Pour mon organisation, ça fait 8 bouches à nourrir matin, midi, soir, sans compter les autres charges. Nos locaux ne sont pas faits pour de l’hébergement, donc nous dormons sur des matelas à même le sol, dans le contexte sécuritaire exceptionnellement grave que traverse Port-au-Prince et sa région. (N.D.L.R. : en mars 2024, 1 haïtien sur 2 souffre de la faim selon les observateurs onusiens. En septembre 2023, le programme alimentaire mondial pointait déjà un « risque de famine » en Haïti).
J’ai entrepris des démarches afin que nous puissions obtenir des appuis de la part de bailleurs de fonds internationaux, mais dans l’attente, j’ai dû puiser dans mes économies et il existe un risque pour qu’à la mi-avril notre trésorerie soit asséchée.
Concernant les banques, elles n’ouvrent pas tous les jours et elles sont situées à Pétionville où il faut pouvoir se déplacer à mobylette, non sans risque.

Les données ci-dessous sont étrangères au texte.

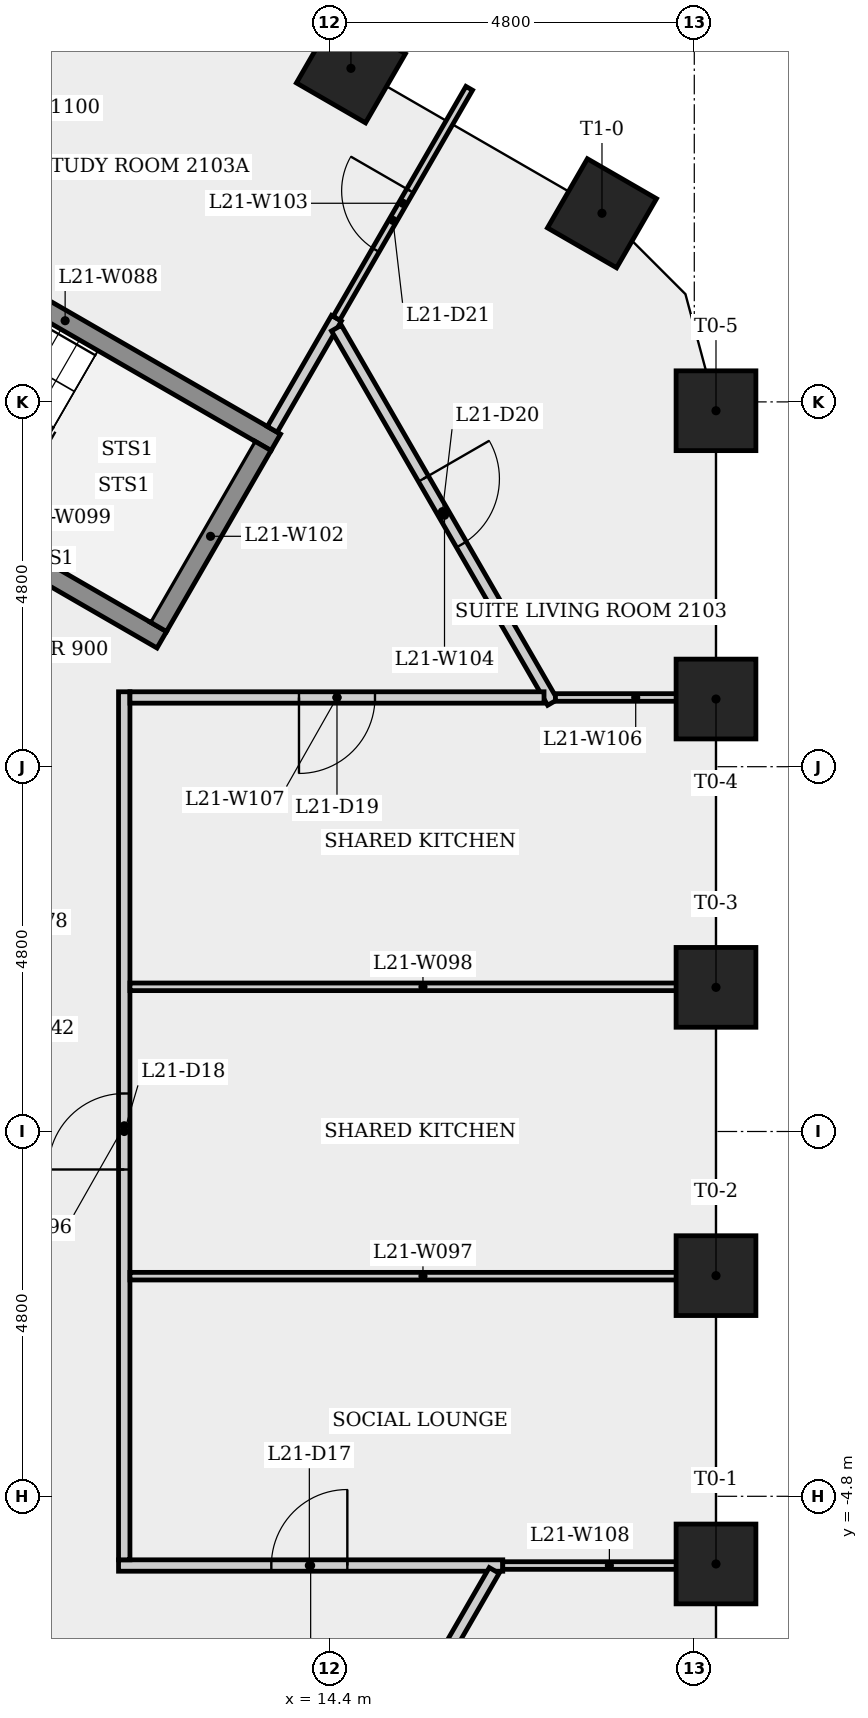
"""IFC4 building model, lengths in metres.
Left out: names, types, materials, properties, quantities, classifications, styles, units other than length and angle.
Written with IfcOpenShell. Run it as: python <this file> out.ifc"""

import sys

from ifc_helpers import new_model, si_unit, direction, frame, frame_2d, origin, origin_2d, place, context, subcontext, project, spatial, rectangle, extrude, element, fill, save


model = new_model("IFC4")
c1 = context("Model", 3, precision=1e-05, world=origin(), true_north=direction((0.0, 1.0)))
c2 = subcontext(c1, "Body", "Model", "MODEL_VIEW")
j1 = project(units=[si_unit("LENGTHUNIT", "METRE"), si_unit("PLANEANGLEUNIT", "RADIAN")], contexts=[c1])
p1 = place(None, origin())
s1 = spatial("IfcSite", under=j1, at=p1, CompositionType="ELEMENT")
p2 = place(p1, origin())
s2 = spatial("IfcBuilding", under=s1, at=p2, CompositionType="ELEMENT")
p3 = place(p2, frame((0.0, 0.0, 83.1)))
s3 = spatial("IfcBuildingStorey", under=s2, at=p3, CompositionType="ELEMENT", Elevation=83.1)
for number, where, z_axis, x_axis in (
    (1, (19.486, -5.69, 0.0), (0.0, 0.0, 1.0), (1.0, 0.0, 0.0)),
    (2, (19.486, -1.897, 0.0), (0.0, 0.0, 1.0), (1.0, 0.0, 0.0)),
    (3, (19.486, 1.897, 0.0), (0.0, 0.0, 1.0), (1.0, 0.0, 0.0)),
    (4, (19.486, 5.69, 0.0), (0.0, 0.0, 1.0), (1.0, 0.0, 0.0)),
    (5, (19.486, 9.484, 0.0), (0.0, 0.0, 1.0), (1.0, 0.0, 0.0)),
    (6, (17.986, 12.082, 0.0), (0.0, 0.0, 1.0), (0.5, 0.866, 0.0)),
    (7, (14.683, 13.989, 0.0), (0.0, 0.0, 1.0), (0.5, 0.866, 0.0)),
):
    element("IfcColumn", number, at=place(p3, frame(where, z_axis=z_axis, x_axis=x_axis)), inside=s3, PredefinedType="COLUMN", context=c2, shape_type="SweptSolid", body=[
        extrude(rectangle(XDim=1.05, YDim=1.05, at=origin_2d()), origin(), (0.0, 0.0, 1.0), 3.4),
    ])
p4 = place(p3, frame((8.151, 12.268, 0.0), z_axis=(0.0, 0.0, 1.0), x_axis=(0.866025499775, -0.499999833739, 0.0)))
e8 = element("IfcWall", 8, at=p4, inside=s3, PredefinedType="SHEAR", context=c2, shape_type="SweptSolid", body=[
    extrude(rectangle(XDim=6.4, YDim=0.25, at=frame_2d((3.2, 0.0))), origin(), (0.0, 0.0, 1.0), 3.05),
])
p5 = place(p3, frame((11.625, -5.711, 0.0), z_axis=(0.0, 0.0, 1.0), x_axis=(1.0, 0.0, 0.0)))
e9 = element("IfcWall", 9, at=p5, inside=s3, PredefinedType="PARTITIONING", context=c2, shape_type="SweptSolid", body=[
    extrude(rectangle(XDim=5.055, YDim=0.15, at=frame_2d((2.528, 0.0))), origin(), (0.0, 0.0, 1.0), 3.05),
])
p6 = place(p5, frame((2.01, 0.0, 0.0)))
e10 = element("IfcOpeningElement", 10, at=p6, cuts=e9, PredefinedType="OPENING", context=c2, shape_type="SweptSolid", body=[
    extrude(rectangle(XDim=1.0, YDim=2.1, at=frame_2d((0.5, 1.05))), frame((0.0, 0.085, 0.0), z_axis=(0.0, -1.0, 0.0), x_axis=(1.0, 0.0, 0.0)), (0.0, 0.0, 1.0), 0.17),
])
p7 = place(p3, frame((11.7, -5.636, 0.0), z_axis=(0.0, 0.0, 1.0), x_axis=(0.0, 1.0, 0.0)))
e11 = element("IfcWall", 11, at=p7, inside=s3, PredefinedType="PARTITIONING", context=c2, shape_type="SweptSolid", body=[
    extrude(rectangle(XDim=11.422, YDim=0.15, at=frame_2d((5.711, 0.0))), origin(), (0.0, 0.0, 1.0), 3.05),
])
p8 = place(p7, frame((5.136, 0.0, 0.0)))
e12 = element("IfcOpeningElement", 12, at=p8, cuts=e11, PredefinedType="OPENING", context=c2, shape_type="SweptSolid", body=[
    extrude(rectangle(XDim=1.0, YDim=2.1, at=frame_2d((0.5, 1.05))), frame((0.0, 0.085, 0.0), z_axis=(0.0, -1.0, 0.0), x_axis=(1.0, 0.0, 0.0)), (0.0, 0.0, 1.0), 0.17),
])
for number, where, z_axis, x_axis in (
    (13, (11.775, -1.904, 0.0), (0.0, 0.0, 1.0), (1.0, 0.0, 0.0)),
    (14, (11.775, 1.904, 0.0), (0.0, 0.0, 1.0), (1.0, 0.0, 0.0)),
):
    element("IfcWall", number, at=place(p3, frame(where, z_axis=z_axis, x_axis=x_axis)), inside=s3, PredefinedType="PARTITIONING", context=c2, shape_type="SweptSolid", body=[
        extrude(rectangle(XDim=7.711, YDim=0.1, at=frame_2d((3.855, 0.0))), origin(), (0.0, 0.0, 1.0), 3.05),
    ])
p9 = place(p3, frame((12.194, 6.47, 0.0), z_axis=(0.0, 0.0, 1.0), x_axis=(-0.866025499775, 0.499999833739, 0.0)))
e15 = element("IfcWall", 15, at=p9, inside=s3, PredefinedType="SHEAR", context=c2, shape_type="SweptSolid", body=[
    extrude(rectangle(XDim=6.4, YDim=0.25, at=frame_2d((3.2, 0.0))), origin(), (0.0, 0.0, 1.0), 3.05),
])
p10 = place(p9, frame((5.25, 0.0, 0.0)))
e16 = element("IfcOpeningElement", 16, at=p10, cuts=e15, PredefinedType="OPENING", context=c2, shape_type="SweptSolid", body=[
    extrude(rectangle(XDim=1.0, YDim=2.1, at=frame_2d((0.5, 1.05))), frame((0.0, 0.135, 0.0), z_axis=(0.0, -1.0, 0.0), x_axis=(1.0, 0.0, 0.0)), (0.0, 0.0, 1.0), 0.27),
])
p11 = place(p3, frame((13.648, 9.239, 0.0), z_axis=(0.0, 0.0, 1.0), x_axis=(0.500027029611, 0.866009797669, 0.0)))
e17 = element("IfcWall", 17, at=p11, inside=s3, PredefinedType="PARTITIONING", context=c2, shape_type="SweptSolid", body=[
    extrude(rectangle(XDim=1.688, YDim=0.15, at=frame_2d((0.844, 0.0))), origin(), (0.0, 0.0, 1.0), 3.05),
])
p12 = place(p3, frame((13.523, 9.022, 0.0), z_axis=(0.0, 0.0, 1.0), x_axis=(-0.500034990121, -0.866005201286, 0.0)))
e18 = element("IfcWall", 18, at=p12, inside=s3, PredefinedType="SHEAR", context=c2, shape_type="SweptSolid", body=[
    extrude(rectangle(XDim=2.75, YDim=0.25, at=frame_2d((1.375, 0.0))), origin(), (0.0, 0.0, 1.0), 3.05),
])
p13 = place(p3, frame((14.492, 10.701, 0.0), z_axis=(0.0, 0.0, 1.0), x_axis=(0.500024920542, 0.866011015424, 0.0)))
e19 = element("IfcWall", 19, at=p13, inside=s3, PredefinedType="PARTITIONING", context=c2, shape_type="SweptSolid", body=[
    extrude(rectangle(XDim=3.493, YDim=0.1, at=frame_2d((1.747, 0.0))), origin(), (0.0, 0.0, 1.0), 3.05),
])
p14 = place(p13, frame((1.036, 0.0, 0.0)))
e20 = element("IfcOpeningElement", 20, at=p14, cuts=e19, PredefinedType="OPENING", context=c2, shape_type="SweptSolid", body=[
    extrude(rectangle(XDim=0.9, YDim=2.1, at=frame_2d((0.45, 1.05))), frame((0.0, 0.06, 0.0), z_axis=(0.0, -1.0, 0.0), x_axis=(1.0, 0.0, 0.0)), (0.0, 0.0, 1.0), 0.12),
])
p15 = place(p3, frame((14.492, 10.571, 0.0), z_axis=(0.0, 0.0, 1.0), x_axis=(0.50000363893, -0.866023302837, 0.0)))
e21 = element("IfcWall", 21, at=p15, inside=s3, PredefinedType="PARTITIONING", context=c2, shape_type="SweptSolid", body=[
    extrude(rectangle(XDim=5.687, YDim=0.15, at=frame_2d((2.844, 0.0))), origin(), (0.0, 0.0, 1.0), 3.05),
])
p16 = place(p15, frame((2.289, 0.0, 0.0)))
e22 = element("IfcOpeningElement", 22, at=p16, cuts=e21, PredefinedType="OPENING", context=c2, shape_type="SweptSolid", body=[
    extrude(rectangle(XDim=1.0, YDim=2.1, at=frame_2d((0.5, 1.05))), frame((0.0, 0.085, 0.0), z_axis=(0.0, -1.0, 0.0), x_axis=(1.0, 0.0, 0.0)), (0.0, 0.0, 1.0), 0.17),
])
p17 = place(p3, frame((16.568, -5.776, 0.0), z_axis=(0.0, 0.0, 1.0), x_axis=(-0.499985297152, -0.866033892311, 0.0)))
e23 = element("IfcWall", 23, at=p17, inside=s3, PredefinedType="PARTITIONING", context=c2, shape_type="SweptSolid", body=[
    extrude(rectangle(XDim=8.308, YDim=0.15, at=frame_2d((4.154, 0.0))), origin(), (0.0, 0.0, 1.0), 3.05),
])
p18 = place(p17, frame((3.654, 0.0, 0.0)))
e24 = element("IfcOpeningElement", 24, at=p18, cuts=e23, PredefinedType="OPENING", context=c2, shape_type="SweptSolid", body=[
    extrude(rectangle(XDim=1.0, YDim=2.1, at=frame_2d((0.5, 1.05))), frame((0.0, 0.085, 0.0), z_axis=(0.0, -1.0, 0.0), x_axis=(1.0, 0.0, 0.0)), (0.0, 0.0, 1.0), 0.17),
])
p19 = place(p3, frame((17.373, 5.711, 0.0), z_axis=(0.0, 0.0, 1.0), x_axis=(1.0, 0.0, 0.0)))
e25 = element("IfcWall", 25, at=p19, inside=s3, PredefinedType="PARTITIONING", context=c2, shape_type="SweptSolid", body=[
    extrude(rectangle(XDim=2.113, YDim=0.1, at=frame_2d((1.056, 0.0))), origin(), (0.0, 0.0, 1.0), 3.05),
])
p20 = place(p3, frame((17.223, 5.711, 0.0), z_axis=(0.0, 0.0, 1.0), x_axis=(-1.0, 0.0, 0.0)))
e26 = element("IfcWall", 26, at=p20, inside=s3, PredefinedType="PARTITIONING", context=c2, shape_type="SweptSolid", body=[
    extrude(rectangle(XDim=5.448, YDim=0.15, at=frame_2d((2.724, 0.0))), origin(), (0.0, 0.0, 1.0), 3.05),
])
p21 = place(p20, frame((2.224, 0.0, 0.0)))
e27 = element("IfcOpeningElement", 27, at=p21, cuts=e26, PredefinedType="OPENING", context=c2, shape_type="SweptSolid", body=[
    extrude(rectangle(XDim=1.0, YDim=2.1, at=frame_2d((0.5, 1.05))), frame((0.0, 0.085, 0.0), z_axis=(0.0, -1.0, 0.0), x_axis=(1.0, 0.0, 0.0)), (0.0, 0.0, 1.0), 0.17),
])
p22 = place(p3, frame((19.486, -5.711, 0.0), z_axis=(0.0, 0.0, 1.0), x_axis=(-1.0, 0.0, 0.0)))
e28 = element("IfcWall", 28, at=p22, inside=s3, PredefinedType="PARTITIONING", context=c2, shape_type="SweptSolid", body=[
    extrude(rectangle(XDim=2.805, YDim=0.1, at=frame_2d((1.403, 0.0))), origin(), (0.0, 0.0, 1.0), 3.05),
])
p23 = place(p6, origin())
e29 = element("IfcDoor", 29, at=p23, inside=s3, OperationType="SINGLE_SWING_RIGHT", PredefinedType="DOOR", context=c2, shape_type="SweptSolid", body=[
    extrude(rectangle(XDim=1.0, YDim=2.1, at=frame_2d((0.5, 1.05))), frame((0.0, 0.025, 0.0), z_axis=(0.0, -1.0, 0.0), x_axis=(1.0, 0.0, 0.0)), (0.0, 0.0, 1.0), 0.05),
])
fill(e10, e29)
p24 = place(p8, origin())
e30 = element("IfcDoor", 30, at=p24, inside=s3, OperationType="SINGLE_SWING_LEFT", PredefinedType="DOOR", context=c2, shape_type="SweptSolid", body=[
    extrude(rectangle(XDim=1.0, YDim=2.1, at=frame_2d((0.5, 1.05))), frame((0.0, 0.025, 0.0), z_axis=(0.0, -1.0, 0.0), x_axis=(1.0, 0.0, 0.0)), (0.0, 0.0, 1.0), 0.05),
])
fill(e12, e30)
p25 = place(p21, origin())
e31 = element("IfcDoor", 31, at=p25, inside=s3, OperationType="SINGLE_SWING_RIGHT", PredefinedType="DOOR", context=c2, shape_type="SweptSolid", body=[
    extrude(rectangle(XDim=1.0, YDim=2.1, at=frame_2d((0.5, 1.05))), frame((0.0, 0.025, 0.0), z_axis=(0.0, -1.0, 0.0), x_axis=(1.0, 0.0, 0.0)), (0.0, 0.0, 1.0), 0.05),
])
fill(e27, e31)
p26 = place(p16, origin())
e32 = element("IfcDoor", 32, at=p26, inside=s3, OperationType="SINGLE_SWING_LEFT", PredefinedType="DOOR", context=c2, shape_type="SweptSolid", body=[
    extrude(rectangle(XDim=1.0, YDim=2.1, at=frame_2d((0.5, 1.05))), frame((0.0, 0.025, 0.0), z_axis=(0.0, -1.0, 0.0), x_axis=(1.0, 0.0, 0.0)), (0.0, 0.0, 1.0), 0.05),
])
fill(e22, e32)
p27 = place(p14, origin())
e33 = element("IfcDoor", 33, at=p27, inside=s3, OperationType="SINGLE_SWING_RIGHT", PredefinedType="DOOR", context=c2, shape_type="SweptSolid", body=[
    extrude(rectangle(XDim=0.9, YDim=2.1, at=frame_2d((0.45, 1.05))), frame((0.0, 0.025, 0.0), z_axis=(0.0, -1.0, 0.0), x_axis=(1.0, 0.0, 0.0)), (0.0, 0.0, 1.0), 0.05),
])
fill(e20, e33)
save(model, sys.argv[1])

Pour une organisation comme la nôtre avec une trésorerie en tension, c’est un véritable casse-tête avec lequel on doit vivre.
Pour ce qui est de l’accès à l’eau potable, la situation s’est un peu améliorée par rapport à la semaine dernière et je dispose de gallons pour plusieurs semaines. Par contre, des pénuries d’essence ont toujours cours et ça freine tous les déplacements, en sus de l’insécurité omniprésente. Pour l’accès aux antirétroviraux des personnes que nous hébergeons et qui vivent avec le VIH, ce n’est pas sans conséquence ».
76crimes : « C’est à dire, pouvez-vous en dire plus ? »
Dominique Rebel Saint-Vil : « Il n’y a pas de pénurie d’antirétroviraux, mais pour les personnes qui ont terminé leur traitement et qui souhaitent le renouveler, l’accès aux médicaments n’est pas aisé, s’il est difficile pour les médecins, les soignants et les patients de pouvoir se déplacer pour se rencontrer et assurer ainsi un suivi médical de qualité.
Dans ce cortège de difficultés, heureusement, internet fonctionne encore et ça permet de garder contact, en organisant quelques activités en ligne avec des personnes qui vivent ailleurs dans le pays, où la situation moins dégradée ».